Victoria, I *think* I sent you a PM, have you gotten in yet?


----------



## Crossroads Boers

Well, I have never seen it done in a breeding class, but if you want to brace her go for it! I'm sure somebody could teach you how.  

Nope I didn't get a PM yet... ?


----------



## Scottyhorse

If I don't have to brace, I'm not gunna! LOL. I will get a prong collar though, she is very resistant when it comes to gettin' that head up. 

I'll re-send that PM


----------



## MollieGoat

The judge that judged our breeding show at my fair asked me to brace my doe so i think it's a good thing to train them to brace anyways.. I also think it makes them handle better if they are braced correctly. Just my personal opinion though . I haven't really had much experience teaching goats to brace but they way I teach my lambs to brace is to back them off something a few feet off the ground. I started them on a stack of railroad ties that we're laying around( 2-3 high, 4-5 wide). I did this for about one week and started them on the ground. They would brace a little bit but they finally realized that they weren't really that high off the ground and would just step off so I started backing them out of our horse trailer. That really made them hard. I have heard of people backing them off a fitting stand too. It just takes a lot of time and patience! Some people train them to brace on command which I think is really smart! They will tap the top of their head or pinch their neck a little then push on them and the lamb/goat will learn to brace when they do that.. Sorry for the novel but I hope that some of it will help


----------



## Crossroads Boers

Sounds like a good plan! ^  

Got the PM!


----------



## Scottyhorse

I guess it wouldn't be bad to teach her, just in case  Backing her out of the horse trailer is a great idea!


----------



## OakHollowRanch

I was just in round robin on Friday, and I was told not to brace a doe. However, the one girl who did brace was the one who ended up winning the buckle....


----------



## Scottyhorse

Weird


----------



## goatgirl132

OakHollowRanch said:


> I was just in round robin on Friday, and I was told not to brace a doe. However, the one girl who did brace was the one who ended up winning the buckle....

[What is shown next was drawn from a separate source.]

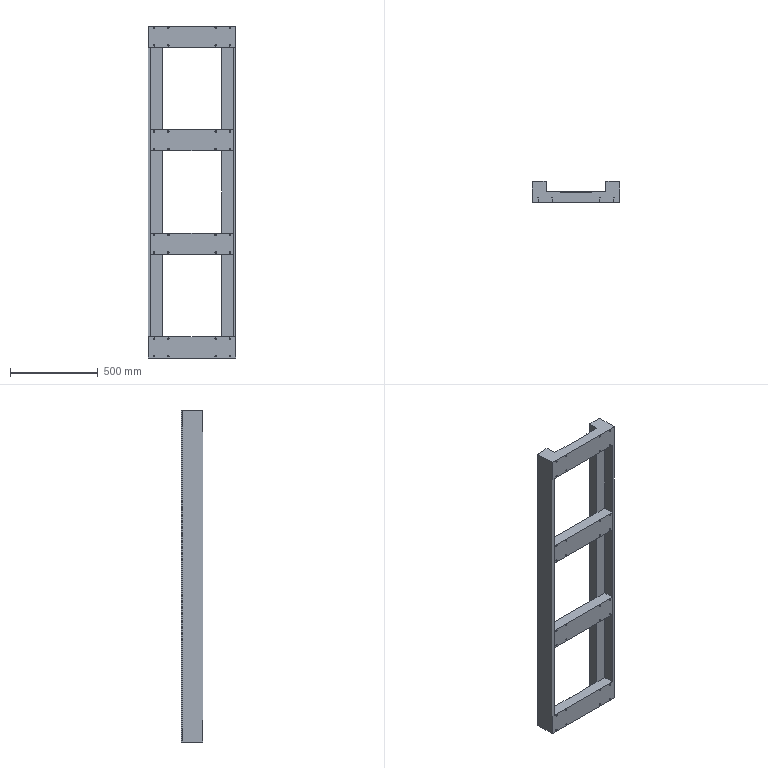Component | SolidWorks | MainBeam-1 | 1 solid | 330 faces | volume 34231263 mm3 | cylinder 140 | cone 138 | plane 52 | commonest cylinder face diameters 10.2 x72 8.5 x64 14.5 x2 20 x2
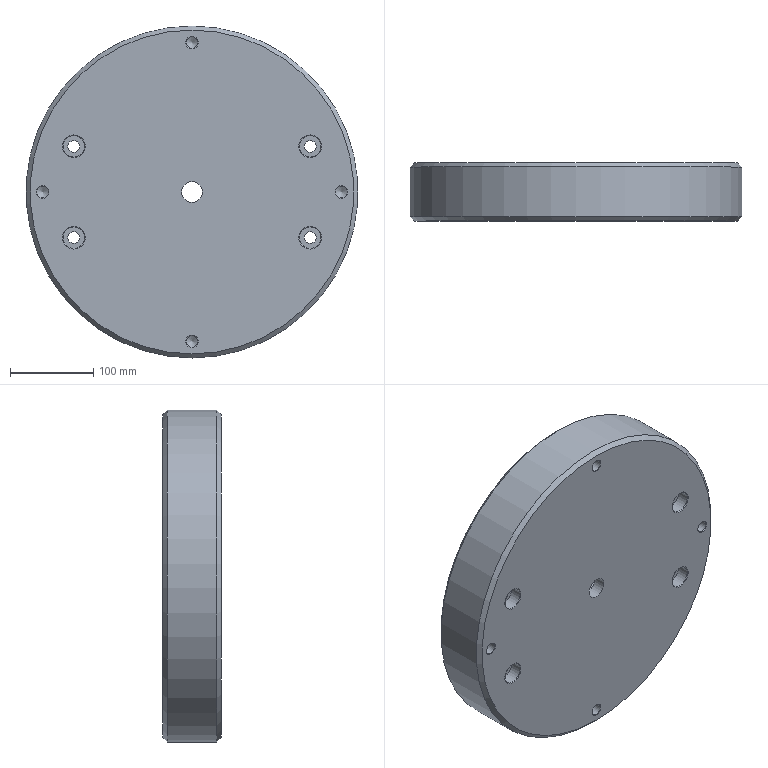Component | NX | DIE_PLATE | 1 solid | 53 faces | volume 8415301 mm3 | cylinder 20 | cone 18 | plane 11 | torus 4 | commonest cylinder face diameters 14 x4 14.2 x4 25.9 x4 6 x4 8 x2 400 x1 25 x1

ughhh I hate that! makes me wanna just throw in the towel


----------



## Scottyhorse

Okay, so I just had my first bracing lesson. I was backing her out of the trailer. 
She would either squirm around and face sideways so she didn't have to push, or just step down off the trailer. She tried to jump on me a few times. Normal for the first attempt?


----------



## goatgirl132

I never got the pushing off thing to work. I just pushed them back until they pushed against me id fix their feet then hold them in place while giving pets and telling good job


----------



## Scottyhorse

Maybe I'll try that tomorrow. She's really squirmy. Won't stand still for setting up or keep her head up either. Ha ha.


----------



## goatgirl132

I work on the bracing then the head.
I explained it to someone-- thinking in little kid terms as "you have to get the kid the stand there for you before you can work on them looking at you: getting them to look at you (hold their head straight) is pointless if they won't stand for you"


----------



## Scottyhorse

Makes sense. Now how long (if you could guess at all) do you think it'll take her before she gets it down? Working with her 2-3 times a day.


----------



## goatgirl132

it depend from goat to goat. 
my whether I have some who get it within the first few trys and iv had others it takes weeks to figure it out.


----------



## Scottyhorse

I think she's going to be the one to take weeks.. Haha.
She also scrunches herself up so her front feet are touching her back! How can I deter her from doing this?


----------



## goatgirl132

I had one that did that and I picked her up like an inch or 2 and backed him up.
once he got it I put him on the ground then backed him up. 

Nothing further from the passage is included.